Hippocampal modulation of cardiorespiratory function.

Changes in cardiorespiratory control accompany the expression of complex emotions, indicative of limbic brain inputs onto bulbar autonomic pathways. Previous studies have focussed on the role of the prefrontal cortex in autonomic regulation. However, the role of the hippocampus, also important in limbic processing, has not been addressed in detail. Anaesthetised, instrumented rats were used to map the location of hippocampal sites capable of evoking changes in cardiorespiratory control showing that stimulation of discrete regions within the CA1 fields of both the dorsal and ventral hippocampus potently alter breathing and cardiovascular activity. Additionally, tracing of the neuroanatomical tracts and pharmacological inactivation studies were used to demonstrate a role of the basomedial amygdala in hippocampal evoked responses. Collectively, these data support the existence of a hippocampal-amygdala neural circuit capable of modulating bulbar cardiorespiratory control networks and may suggest a role for this circuit in the top-down regulation of breathing and autonomic outflow necessary for the expression of complex emotions.

Reflex regulation of breathing by the paratrigeminal nucleus via multiple bulbar circuits.

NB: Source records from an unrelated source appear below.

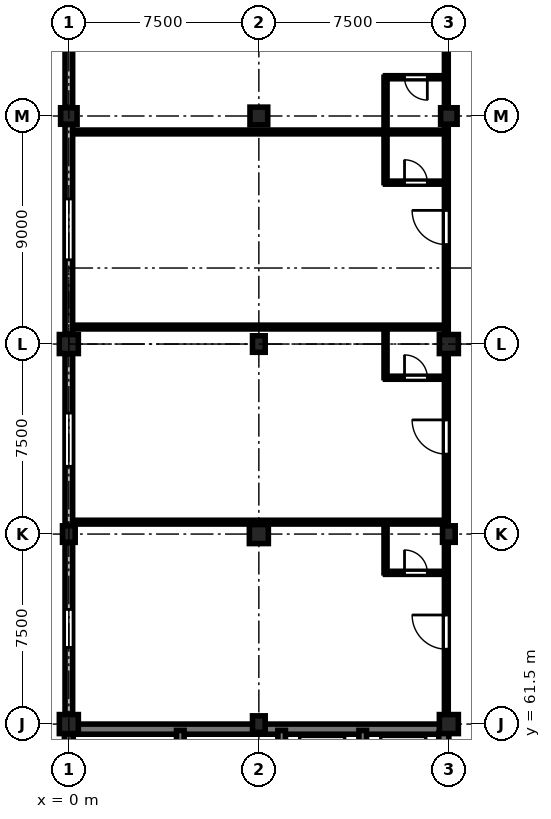
"""IFC4 building model, lengths in metres.
Left out: names, types, materials, properties, quantities, classifications, styles, units other than length and angle.
Written with IfcOpenShell. Run it as: python <this file> out.ifc"""

import sys

from ifc_helpers import new_model, si_unit, direction, frame, frame_2d, origin, origin_2d, place, context, subcontext, project, spatial, rectangle, extrude, element, fill, save


model = new_model("IFC4")
c1 = context("Model", 3, precision=1e-05, world=origin(), true_north=direction((0.0, 1.0)))
c2 = subcontext(c1, "Body", "Model", "MODEL_VIEW")
j1 = project(units=[si_unit("LENGTHUNIT", "METRE"), si_unit("PLANEANGLEUNIT", "RADIAN")], contexts=[c1])
p1 = place(None, origin())
s1 = spatial("IfcSite", under=j1, at=p1, CompositionType="ELEMENT")
p2 = place(p1, origin())
s2 = spatial("IfcBuilding", under=s1, at=p2, CompositionType="ELEMENT")
p3 = place(p2, frame((0.0, 0.0, 14.1)))
s3 = spatial("IfcBuildingStorey", under=s2, at=p3, CompositionType="ELEMENT", Elevation=14.1)
p4 = place(p3, frame((0.0, 61.5, 0.0), z_axis=(0.0, 0.0, 1.0), x_axis=(1.0, 0.0, 0.0)))
e1 = element("IfcColumn", 1, at=p4, inside=s3, PredefinedType="COLUMN", context=c2, shape_type="SweptSolid", body=[
    extrude(rectangle(XDim=0.75, YDim=0.75, at=origin_2d()), origin(), (0.0, 0.0, 1.0), 3.75),
])
p5 = place(p3, frame((0.0, 69.0, 0.0), z_axis=(0.0, 0.0, 1.0), x_axis=(1.0, 0.0, 0.0)))
e2 = element("IfcColumn", 2, at=p5, inside=s3, PredefinedType="COLUMN", context=c2, shape_type="SweptSolid", body=[
    extrude(rectangle(XDim=0.5, YDim=0.65, at=origin_2d()), origin(), (0.0, 0.0, 1.0), 3.75),
])
p6 = place(p3, frame((0.0, 76.5, 0.0), z_axis=(0.0, 0.0, 1.0), x_axis=(1.0, 0.0, 0.0)))
e3 = element("IfcColumn", 3, at=p6, inside=s3, PredefinedType="COLUMN", context=c2, shape_type="SweptSolid", body=[
    extrude(rectangle(XDim=0.75, YDim=0.75, at=origin_2d()), origin(), (0.0, 0.0, 1.0), 3.75),
])
p7 = place(p3, frame((0.0, 85.5, 0.0), z_axis=(0.0, 0.0, 1.0), x_axis=(1.0, 0.0, 0.0)))
e4 = element("IfcColumn", 4, at=p7, inside=s3, PredefinedType="COLUMN", context=c2, shape_type="SweptSolid", body=[
    extrude(rectangle(XDim=0.65, YDim=0.65, at=origin_2d()), origin(), (0.0, 0.0, 1.0), 3.75),
])
p8 = place(p3, frame((7.5, 61.5, 0.0), z_axis=(0.0, 0.0, 1.0), x_axis=(1.0, 0.0, 0.0)))
e5 = element("IfcColumn", 5, at=p8, inside=s3, PredefinedType="COLUMN", context=c2, shape_type="SweptSolid", body=[
    extrude(rectangle(XDim=0.5, YDim=0.65, at=origin_2d()), origin(), (0.0, 0.0, 1.0), 3.75),
])
p9 = place(p3, frame((7.5, 69.0, 0.0), z_axis=(0.0, 0.0, 1.0), x_axis=(1.0, 0.0, 0.0)))
e6 = element("IfcColumn", 6, at=p9, inside=s3, PredefinedType="COLUMN", context=c2, shape_type="SweptSolid", body=[
    extrude(rectangle(XDim=0.75, YDim=0.75, at=origin_2d()), origin(), (0.0, 0.0, 1.0), 3.75),
])
p10 = place(p3, frame((7.5, 76.5, 0.0), z_axis=(0.0, 0.0, 1.0), x_axis=(1.0, 0.0, 0.0)))
e7 = element("IfcColumn", 7, at=p10, inside=s3, PredefinedType="COLUMN", context=c2, shape_type="SweptSolid", body=[
    extrude(rectangle(XDim=0.5, YDim=0.65, at=origin_2d()), origin(), (0.0, 0.0, 1.0), 3.75),
])
p11 = place(p3, frame((7.5, 85.5, 0.0), z_axis=(0.0, 0.0, 1.0), x_axis=(1.0, 0.0, 0.0)))
e8 = element("IfcColumn", 8, at=p11, inside=s3, PredefinedType="COLUMN", context=c2, shape_type="SweptSolid", body=[
    extrude(rectangle(XDim=0.7, YDim=0.7, at=origin_2d()), origin(), (0.0, 0.0, 1.0), 3.75),
])
p12 = place(p3, frame((15.0, 61.5, 0.0), z_axis=(0.0, 0.0, 1.0), x_axis=(1.0, 0.0, 0.0)))
e9 = element("IfcColumn", 9, at=p12, inside=s3, PredefinedType="COLUMN", context=c2, shape_type="SweptSolid", body=[
    extrude(rectangle(XDim=0.75, YDim=0.75, at=origin_2d()), origin(), (0.0, 0.0, 1.0), 3.75),
])
p13 = place(p3, frame((15.0, 69.0, 0.0), z_axis=(0.0, 0.0, 1.0), x_axis=(1.0, 0.0, 0.0)))
e10 = element("IfcColumn", 10, at=p13, inside=s3, PredefinedType="COLUMN", context=c2, shape_type="SweptSolid", body=[
    extrude(rectangle(XDim=0.5, YDim=0.65, at=origin_2d()), origin(), (0.0, 0.0, 1.0), 3.75),
])
p14 = place(p3, frame((15.0, 76.5, 0.0), z_axis=(0.0, 0.0, 1.0), x_axis=(1.0, 0.0, 0.0)))
e11 = element("IfcColumn", 11, at=p14, inside=s3, PredefinedType="COLUMN", context=c2, shape_type="SweptSolid", body=[
    extrude(rectangle(XDim=0.75, YDim=0.75, at=origin_2d()), origin(), (0.0, 0.0, 1.0), 3.75),
])
p15 = place(p3, frame((15.0, 85.5, 0.0), z_axis=(0.0, 0.0, 1.0), x_axis=(1.0, 0.0, 0.0)))
e12 = element("IfcColumn", 12, at=p15, inside=s3, PredefinedType="COLUMN", context=c2, shape_type="SweptSolid", body=[
    extrude(rectangle(XDim=0.65, YDim=0.65, at=origin_2d()), origin(), (0.0, 0.0, 1.0), 3.75),
])
p16 = place(p3, frame((0.0, 54.335, 0.0), z_axis=(0.0, 0.0, 1.0), x_axis=(0.0, 1.0, 0.0)))
e13 = element("IfcWall", 13, at=p16, inside=s3, PredefinedType="SHEAR", context=c2, shape_type="SweptSolid", body=[
    extrude(rectangle(XDim=6.78, YDim=0.35, at=frame_2d((3.39, 0.0))), origin(), (0.0, 0.0, 1.0), 3.47),
])
p17 = place(p3, frame((0.0, 61.885, 0.0), z_axis=(0.0, 0.0, 1.0), x_axis=(0.0, 1.0, 0.0)))
e14 = element("IfcWall", 14, at=p17, inside=s3, PredefinedType="STANDARD", context=c2, shape_type="SweptSolid", body=[
    extrude(rectangle(XDim=6.78, YDim=0.3, at=frame_2d((3.39, 0.0))), origin(), (0.0, 0.0, 1.0), 2.87),
])
p18 = place(p17, frame((2.64, 0.0, 0.9)))
e15 = element("IfcOpeningElement", 15, at=p18, cuts=e14, PredefinedType="OPENING", context=c2, shape_type="SweptSolid", body=[
    extrude(rectangle(XDim=1.5, YDim=1.69, at=frame_2d((0.75, 0.845))), frame((0.0, 0.16, 0.0), z_axis=(0.0, -1.0, 0.0), x_axis=(1.0, 0.0, 0.0)), (0.0, 0.0, 1.0), 0.32),
])
p19 = place(p3, frame((0.0, 69.335, 0.0), z_axis=(0.0, 0.0, 1.0), x_axis=(0.0, 1.0, 0.0)))
e16 = element("IfcWall", 16, at=p19, inside=s3, PredefinedType="STANDARD", context=c2, shape_type="SweptSolid", body=[
    extrude(rectangle(XDim=6.78, YDim=0.3, at=frame_2d((3.39, 0.0))), origin(), (0.0, 0.0, 1.0), 2.87),
])
p20 = place(p19, frame((2.34, 0.0, 0.9)))
e17 = element("IfcOpeningElement", 17, at=p20, cuts=e16, PredefinedType="OPENING", context=c2, shape_type="SweptSolid", body=[
    extrude(rectangle(XDim=2.1, YDim=1.69, at=frame_2d((1.05, 0.845))), frame((0.0, 0.16, 0.0), z_axis=(0.0, -1.0, 0.0), x_axis=(1.0, 0.0, 0.0)), (0.0, 0.0, 1.0), 0.32),
])
p21 = place(p3, frame((0.0, 76.885, 0.0), z_axis=(0.0, 0.0, 1.0), x_axis=(0.0, 1.0, 0.0)))
e18 = element("IfcWall", 18, at=p21, inside=s3, PredefinedType="STANDARD", context=c2, shape_type="SweptSolid", body=[
    extrude(rectangle(XDim=8.28, YDim=0.3, at=frame_2d((4.14, 0.0))), origin(), (0.0, 0.0, 1.0), 2.92),
])
p22 = place(p21, frame((2.94, 0.0, 0.9)))
e19 = element("IfcOpeningElement", 19, at=p22, cuts=e18, PredefinedType="OPENING", context=c2, shape_type="SweptSolid", body=[
    extrude(rectangle(XDim=2.4, YDim=1.74, at=frame_2d((1.2, 0.87))), frame((0.0, 0.16, 0.0), z_axis=(0.0, -1.0, 0.0), x_axis=(1.0, 0.0, 0.0)), (0.0, 0.0, 1.0), 0.32),
])
p23 = place(p3, frame((0.0, 85.835, 0.0), z_axis=(0.0, 0.0, 1.0), x_axis=(0.0, 1.0, 0.0)))
e20 = element("IfcWall", 20, at=p23, inside=s3, PredefinedType="STANDARD", context=c2, shape_type="SweptSolid", body=[
    extrude(rectangle(XDim=6.855, YDim=0.3, at=frame_2d((3.427, 0.0))), origin(), (0.0, 0.0, 1.0), 2.87),
])
p24 = place(p23, frame((2.528, 0.0, 0.9)))
e21 = element("IfcOpeningElement", 21, at=p24, cuts=e20, PredefinedType="OPENING", context=c2, shape_type="SweptSolid", body=[
    extrude(rectangle(XDim=1.8, YDim=1.69, at=frame_2d((0.9, 0.845))), frame((0.0, 0.16, 0.0), z_axis=(0.0, -1.0, 0.0), x_axis=(1.0, 0.0, 0.0)), (0.0, 0.0, 1.0), 0.32),
])
p25 = place(p3, frame((0.35, 61.3, 0.0), z_axis=(0.0, 0.0, 1.0), x_axis=(1.0, 0.0, 0.0)))
e22 = element("IfcWall", 22, at=p25, inside=s3, PredefinedType="SHEAR", context=c2, shape_type="SweptSolid", body=[
    extrude(rectangle(XDim=14.3, YDim=0.4, at=frame_2d((7.15, 0.0))), origin(), (0.0, 0.0, 1.0), 3.47),
])
p26 = place(p3, frame((14.8, 58.1, 0.0), z_axis=(0.0, 0.0, 1.0), x_axis=(0.0, 1.0, 0.0)))
e23 = element("IfcWall", 23, at=p26, inside=s3, PredefinedType="SHEAR", context=c2, shape_type="SweptSolid", body=[
    extrude(rectangle(XDim=3.05, YDim=0.4, at=frame_2d((1.525, 0.0))), origin(), (0.0, 0.0, 1.0), 3.47),
])
for number, where, z_axis, x_axis in (
    (24, (4.4, 58.1, 0.0), (0.0, 0.0, 1.0), (0.0, 1.0, 0.0)),
    (25, (8.4, 58.1, 0.0), (0.0, 0.0, 1.0), (0.0, 1.0, 0.0)),
    (26, (11.6, 58.1, 0.0), (0.0, 0.0, 1.0), (0.0, 1.0, 0.0)),
):
    element("IfcWall", number, at=place(p3, frame(where, z_axis=z_axis, x_axis=x_axis)), inside=s3, PredefinedType="SHEAR", context=c2, shape_type="SweptSolid", body=[
        extrude(rectangle(XDim=3.15, YDim=0.3, at=frame_2d((1.575, 0.0))), origin(), (0.0, 0.0, 1.0), 3.47),
    ])
p27 = place(p3, frame((14.9, 61.93, 0.0), z_axis=(0.0, 0.0, 1.0), x_axis=(0.0, 1.0, 0.0)))
e27 = element("IfcWall", 27, at=p27, inside=s3, PredefinedType="PARTITIONING", context=c2, shape_type="SweptSolid", body=[
    extrude(rectangle(XDim=7.54, YDim=0.15, at=frame_2d((3.77, 0.0))), origin(), (0.0, 0.0, 1.0), 2.905),
])
p28 = place(p27, frame((2.526, 0.0, 0.0)))
e28 = element("IfcOpeningElement", 28, at=p28, cuts=e27, PredefinedType="OPENING", context=c2, shape_type="SweptSolid", body=[
    extrude(rectangle(XDim=1.35, YDim=2.25, at=frame_2d((0.675, 1.125))), frame((0.0, 0.085, 0.0), z_axis=(0.0, -1.0, 0.0), x_axis=(1.0, 0.0, 0.0)), (0.0, 0.0, 1.0), 0.17),
])
p29 = place(p3, frame((12.5, 67.47, 0.0), z_axis=(0.0, 0.0, 1.0), x_axis=(1.0, 0.0, 0.0)))
e29 = element("IfcWall", 29, at=p29, inside=s3, PredefinedType="PARTITIONING", context=c2, shape_type="SweptSolid", body=[
    extrude(rectangle(XDim=2.4, YDim=0.12, at=frame_2d((1.2, 0.0))), origin(), (0.0, 0.0, 1.0), 3.455),
])
p30 = place(p29, frame((0.75, 0.0, 0.0)))
e30 = element("IfcOpeningElement", 30, at=p30, cuts=e29, PredefinedType="OPENING", context=c2, shape_type="SweptSolid", body=[
    extrude(rectangle(XDim=0.9, YDim=2.1, at=frame_2d((0.45, 1.05))), frame((0.0, 0.07, 0.0), z_axis=(0.0, -1.0, 0.0), x_axis=(1.0, 0.0, 0.0)), (0.0, 0.0, 1.0), 0.14),
])
p31 = place(p3, frame((12.5, 67.47, 0.0), z_axis=(0.0, 0.0, 1.0), x_axis=(0.0, 1.0, 0.0)))
e31 = element("IfcWall", 31, at=p31, inside=s3, PredefinedType="PARTITIONING", context=c2, shape_type="SweptSolid", body=[
    extrude(rectangle(XDim=2.0, YDim=0.12, at=frame_2d((1.0, 0.0))), origin(), (0.0, 0.0, 1.0), 3.455),
])
p32 = place(p3, frame((14.9, 69.63, 0.0), z_axis=(0.0, 0.0, 1.0), x_axis=(0.0, 1.0, 0.0)))
e32 = element("IfcWall", 32, at=p32, inside=s3, PredefinedType="PARTITIONING", context=c2, shape_type="SweptSolid", body=[
    extrude(rectangle(XDim=7.54, YDim=0.15, at=frame_2d((3.77, 0.0))), origin(), (0.0, 0.0, 1.0), 2.755),
])
p33 = place(p32, frame((2.526, 0.0, 0.0)))
e33 = element("IfcOpeningElement", 33, at=p33, cuts=e32, PredefinedType="OPENING", context=c2, shape_type="SweptSolid", body=[
    extrude(rectangle(XDim=1.35, YDim=2.25, at=frame_2d((0.675, 1.125))), frame((0.0, 0.085, 0.0), z_axis=(0.0, -1.0, 0.0), x_axis=(1.0, 0.0, 0.0)), (0.0, 0.0, 1.0), 0.17),
])
p34 = place(p3, frame((12.5, 75.17, 0.0), z_axis=(0.0, 0.0, 1.0), x_axis=(1.0, 0.0, 0.0)))
e34 = element("IfcWall", 34, at=p34, inside=s3, PredefinedType="PARTITIONING", context=c2, shape_type="SweptSolid", body=[
    extrude(rectangle(XDim=2.4, YDim=0.12, at=frame_2d((1.2, 0.0))), origin(), (0.0, 0.0, 1.0), 3.455),
])
p35 = place(p34, frame((0.75, 0.0, 0.0)))
e35 = element("IfcOpeningElement", 35, at=p35, cuts=e34, PredefinedType="OPENING", context=c2, shape_type="SweptSolid", body=[
    extrude(rectangle(XDim=0.9, YDim=2.1, at=frame_2d((0.45, 1.05))), frame((0.0, 0.07, 0.0), z_axis=(0.0, -1.0, 0.0), x_axis=(1.0, 0.0, 0.0)), (0.0, 0.0, 1.0), 0.14),
])
p36 = place(p3, frame((12.5, 75.17, 0.0), z_axis=(0.0, 0.0, 1.0), x_axis=(0.0, 1.0, 0.0)))
e36 = element("IfcWall", 36, at=p36, inside=s3, PredefinedType="PARTITIONING", context=c2, shape_type="SweptSolid", body=[
    extrude(rectangle(XDim=2.0, YDim=0.12, at=frame_2d((1.0, 0.0))), origin(), (0.0, 0.0, 1.0), 3.455),
])
p37 = place(p3, frame((14.9, 77.33, 0.0), z_axis=(0.0, 0.0, 1.0), x_axis=(0.0, 1.0, 0.0)))
e37 = element("IfcWall", 37, at=p37, inside=s3, PredefinedType="PARTITIONING", context=c2, shape_type="SweptSolid", body=[
    extrude(rectangle(XDim=7.54, YDim=0.15, at=frame_2d((3.77, 0.0))), origin(), (0.0, 0.0, 1.0), 2.755),
])
p38 = place(p37, frame((3.095, 0.0, 0.0)))
e38 = element("IfcOpeningElement", 38, at=p38, cuts=e37, PredefinedType="OPENING", context=c2, shape_type="SweptSolid", body=[
    extrude(rectangle(XDim=1.35, YDim=2.25, at=frame_2d((0.675, 1.125))), frame((0.0, 0.085, 0.0), z_axis=(0.0, -1.0, 0.0), x_axis=(1.0, 0.0, 0.0)), (0.0, 0.0, 1.0), 0.17),
])
p39 = place(p3, frame((12.5, 82.87, 0.0), z_axis=(0.0, 0.0, 1.0), x_axis=(1.0, 0.0, 0.0)))
e39 = element("IfcWall", 39, at=p39, inside=s3, PredefinedType="PARTITIONING", context=c2, shape_type="SweptSolid", body=[
    extrude(rectangle(XDim=2.4, YDim=0.12, at=frame_2d((1.2, 0.0))), origin(), (0.0, 0.0, 1.0), 3.455),
])
p40 = place(p39, frame((0.75, 0.0, 0.0)))
e40 = element("IfcOpeningElement", 40, at=p40, cuts=e39, PredefinedType="OPENING", context=c2, shape_type="SweptSolid", body=[
    extrude(rectangle(XDim=0.9, YDim=2.1, at=frame_2d((0.45, 1.05))), frame((0.0, 0.07, 0.0), z_axis=(0.0, -1.0, 0.0), x_axis=(1.0, 0.0, 0.0)), (0.0, 0.0, 1.0), 0.14),
])
p41 = place(p3, frame((12.5, 82.87, 0.0), z_axis=(0.0, 0.0, 1.0), x_axis=(0.0, 1.0, 0.0)))
e41 = element("IfcWall", 41, at=p41, inside=s3, PredefinedType="PARTITIONING", context=c2, shape_type="SweptSolid", body=[
    extrude(rectangle(XDim=2.0, YDim=0.12, at=frame_2d((1.0, 0.0))), origin(), (0.0, 0.0, 1.0), 3.455),
])
p42 = place(p3, frame((14.9, 85.03, 0.0), z_axis=(0.0, 0.0, 1.0), x_axis=(0.0, 1.0, 0.0)))
e42 = element("IfcWall", 42, at=p42, inside=s3, PredefinedType="PARTITIONING", context=c2, shape_type="SweptSolid", body=[
    extrude(rectangle(XDim=7.54, YDim=0.15, at=frame_2d((3.77, 0.0))), origin(), (0.0, 0.0, 1.0), 2.755),
])
p43 = place(p42, frame((3.664, 0.0, 0.0)))
e43 = element("IfcOpeningElement", 43, at=p43, cuts=e42, PredefinedType="OPENING", context=c2, shape_type="SweptSolid", body=[
    extrude(rectangle(XDim=1.35, YDim=2.25, at=frame_2d((0.675, 1.125))), frame((0.0, 0.085, 0.0), z_axis=(0.0, -1.0, 0.0), x_axis=(1.0, 0.0, 0.0)), (0.0, 0.0, 1.0), 0.17),
])
p44 = place(p3, frame((14.9, 87.03, 0.0), z_axis=(0.0, 0.0, 1.0), x_axis=(-1.0, 0.0, 0.0)))
e44 = element("IfcWall", 44, at=p44, inside=s3, PredefinedType="PARTITIONING", context=c2, shape_type="SweptSolid", body=[
    extrude(rectangle(XDim=2.4, YDim=0.12, at=frame_2d((1.2, 0.0))), origin(), (0.0, 0.0, 1.0), 3.455),
])
p45 = place(p44, frame((0.75, 0.0, 0.0)))
e45 = element("IfcOpeningElement", 45, at=p45, cuts=e44, PredefinedType="OPENING", context=c2, shape_type="SweptSolid", body=[
    extrude(rectangle(XDim=0.9, YDim=2.1, at=frame_2d((0.45, 1.05))), frame((0.0, 0.07, 0.0), z_axis=(0.0, -1.0, 0.0), x_axis=(1.0, 0.0, 0.0)), (0.0, 0.0, 1.0), 0.14),
])
p46 = place(p3, frame((12.5, 85.03, 0.0), z_axis=(0.0, 0.0, 1.0), x_axis=(0.0, 1.0, 0.0)))
e46 = element("IfcWall", 46, at=p46, inside=s3, PredefinedType="PARTITIONING", context=c2, shape_type="SweptSolid", body=[
    extrude(rectangle(XDim=2.0, YDim=0.12, at=frame_2d((1.0, 0.0))), origin(), (0.0, 0.0, 1.0), 3.455),
])
for number, where, z_axis, x_axis in (
    (47, (0.35, 69.47, 0.0), (0.0, 0.0, 1.0), (1.0, 0.0, 0.0)),
    (48, (0.35, 77.17, 0.0), (0.0, 0.0, 1.0), (1.0, 0.0, 0.0)),
    (49, (0.35, 84.87, 0.0), (0.0, 0.0, 1.0), (1.0, 0.0, 0.0)),
):
    element("IfcWall", number, at=place(p3, frame(where, z_axis=z_axis, x_axis=x_axis)), inside=s3, PredefinedType="PARTITIONING", context=c2, shape_type="SweptSolid", body=[
        extrude(rectangle(XDim=14.55, YDim=0.15, at=frame_2d((7.275, 0.0))), origin(), (0.0, 0.0, 1.0), 3.455),
    ])
p47 = place(p18, origin())
e50 = element("IfcWindow", 50, at=p47, inside=s3, PartitioningType="SINGLE_PANEL", PredefinedType="WINDOW", context=c2, shape_type="SweptSolid", body=[
    extrude(rectangle(XDim=1.5, YDim=1.69, at=frame_2d((0.75, 0.845))), frame((0.0, 0.03, 0.0), z_axis=(0.0, -1.0, 0.0), x_axis=(1.0, 0.0, 0.0)), (0.0, 0.0, 1.0), 0.06),
])
fill(e15, e50)
p48 = place(p20, origin())
e51 = element("IfcWindow", 51, at=p48, inside=s3, PartitioningType="SINGLE_PANEL", PredefinedType="WINDOW", context=c2, shape_type="SweptSolid", body=[
    extrude(rectangle(XDim=2.1, YDim=1.69, at=frame_2d((1.05, 0.845))), frame((0.0, 0.03, 0.0), z_axis=(0.0, -1.0, 0.0), x_axis=(1.0, 0.0, 0.0)), (0.0, 0.0, 1.0), 0.06),
])
fill(e17, e51)
p49 = place(p22, origin())
e52 = element("IfcWindow", 52, at=p49, inside=s3, PartitioningType="SINGLE_PANEL", PredefinedType="WINDOW", context=c2, shape_type="SweptSolid", body=[
    extrude(rectangle(XDim=2.4, YDim=1.74, at=frame_2d((1.2, 0.87))), frame((0.0, 0.03, 0.0), z_axis=(0.0, -1.0, 0.0), x_axis=(1.0, 0.0, 0.0)), (0.0, 0.0, 1.0), 0.06),
])
fill(e19, e52)
p50 = place(p28, origin())
e53 = element("IfcDoor", 53, at=p50, inside=s3, OperationType="SINGLE_SWING_RIGHT", PredefinedType="DOOR", context=c2, shape_type="SweptSolid", body=[
    extrude(rectangle(XDim=1.35, YDim=2.25, at=frame_2d((0.675, 1.125))), frame((0.0, 0.025, 0.0), z_axis=(0.0, -1.0, 0.0), x_axis=(1.0, 0.0, 0.0)), (0.0, 0.0, 1.0), 0.05),
])
fill(e28, e53)
p51 = place(p30, origin())
e54 = element("IfcDoor", 54, at=p51, inside=s3, OperationType="SINGLE_SWING_LEFT", PredefinedType="DOOR", context=c2, shape_type="SweptSolid", body=[
    extrude(rectangle(XDim=0.9, YDim=2.1, at=frame_2d((0.45, 1.05))), frame((0.0, 0.025, 0.0), z_axis=(0.0, -1.0, 0.0), x_axis=(1.0, 0.0, 0.0)), (0.0, 0.0, 1.0), 0.05),
])
fill(e30, e54)
p52 = place(p33, origin())
e55 = element("IfcDoor", 55, at=p52, inside=s3, OperationType="SINGLE_SWING_RIGHT", PredefinedType="DOOR", context=c2, shape_type="SweptSolid", body=[
    extrude(rectangle(XDim=1.35, YDim=2.25, at=frame_2d((0.675, 1.125))), frame((0.0, 0.025, 0.0), z_axis=(0.0, -1.0, 0.0), x_axis=(1.0, 0.0, 0.0)), (0.0, 0.0, 1.0), 0.05),
])
fill(e33, e55)
p53 = place(p35, origin())
e56 = element("IfcDoor", 56, at=p53, inside=s3, OperationType="SINGLE_SWING_LEFT", PredefinedType="DOOR", context=c2, shape_type="SweptSolid", body=[
    extrude(rectangle(XDim=0.9, YDim=2.1, at=frame_2d((0.45, 1.05))), frame((0.0, 0.025, 0.0), z_axis=(0.0, -1.0, 0.0), x_axis=(1.0, 0.0, 0.0)), (0.0, 0.0, 1.0), 0.05),
])
fill(e35, e56)
p54 = place(p38, origin())
e57 = element("IfcDoor", 57, at=p54, inside=s3, OperationType="SINGLE_SWING_RIGHT", PredefinedType="DOOR", context=c2, shape_type="SweptSolid", body=[
    extrude(rectangle(XDim=1.35, YDim=2.25, at=frame_2d((0.675, 1.125))), frame((0.0, 0.025, 0.0), z_axis=(0.0, -1.0, 0.0), x_axis=(1.0, 0.0, 0.0)), (0.0, 0.0, 1.0), 0.05),
])
fill(e38, e57)
p55 = place(p40, origin())
e58 = element("IfcDoor", 58, at=p55, inside=s3, OperationType="SINGLE_SWING_LEFT", PredefinedType="DOOR", context=c2, shape_type="SweptSolid", body=[
    extrude(rectangle(XDim=0.9, YDim=2.1, at=frame_2d((0.45, 1.05))), frame((0.0, 0.025, 0.0), z_axis=(0.0, -1.0, 0.0), x_axis=(1.0, 0.0, 0.0)), (0.0, 0.0, 1.0), 0.05),
])
fill(e40, e58)
p56 = place(p45, origin())
e59 = element("IfcDoor", 59, at=p56, inside=s3, OperationType="SINGLE_SWING_LEFT", PredefinedType="DOOR", context=c2, shape_type="SweptSolid", body=[
    extrude(rectangle(XDim=0.9, YDim=2.1, at=frame_2d((0.45, 1.05))), frame((0.0, 0.025, 0.0), z_axis=(0.0, -1.0, 0.0), x_axis=(1.0, 0.0, 0.0)), (0.0, 0.0, 1.0), 0.05),
])
fill(e45, e59)
save(model, sys.argv[1])

Sensory neurons of the jugular vagal ganglia innervate the respiratory tract and project to the poorly studied medullary paratrigeminal nucleus. In the present study, we used neuroanatomical tracing, pharmacology and physiology in guinea pig to investigate the paratrigeminal neural circuits mediating jugular ganglia-evoked respiratory reflexes. Retrogradely traced laryngeal jugular ganglia neurons were largely (> 60%) unmyelinated and expressed the neuropeptide substance P and calcitonin gene-related peptide, although a population (~ 30%) of larger diameter myelinated jugular neurons was defined by the expression of vGlut1. Within the brainstem, vagal afferent terminals were confined to the caudal two-thirds of the paratrigeminal nucleus. Electrical stimulation of the laryngeal mucosa evoked a vagally mediated respiratory slowing that was mimicked by laryngeal capsaicin application. These laryngeal reflexes were modestly reduced by neuropeptide receptor antagonist microinjections into the paratrigeminal nucleus, but abolished by ionotropic glutamate receptor antagonists. D,L-Homocysteic acid microinjections into the paratrigeminal nucleus mimicked the laryngeal-evoked respiratory slowing, whereas capsaicin microinjections evoked a persistent tachypnoea that was insensitive to glutamatergic inhibition but abolished by neuropeptide receptor antagonists. Extensive projections from paratrigeminal neurons were anterogradely traced throughout the pontomedullary respiratory column. Dual retrograde tracing from pontine and ventrolateral medullary termination sites, as well as immunohistochemical staining for calbindin and neurokinin 1 receptors, supported the existence of different subpopulations of paratrigeminal neurons. Collectively, these data provide anatomical and functional evidence for at least two types of post-synaptic paratrigeminal neurons involved in respiratory reflexes, highlighting an unrecognised complexity in sensory processing in this region of the brainstem.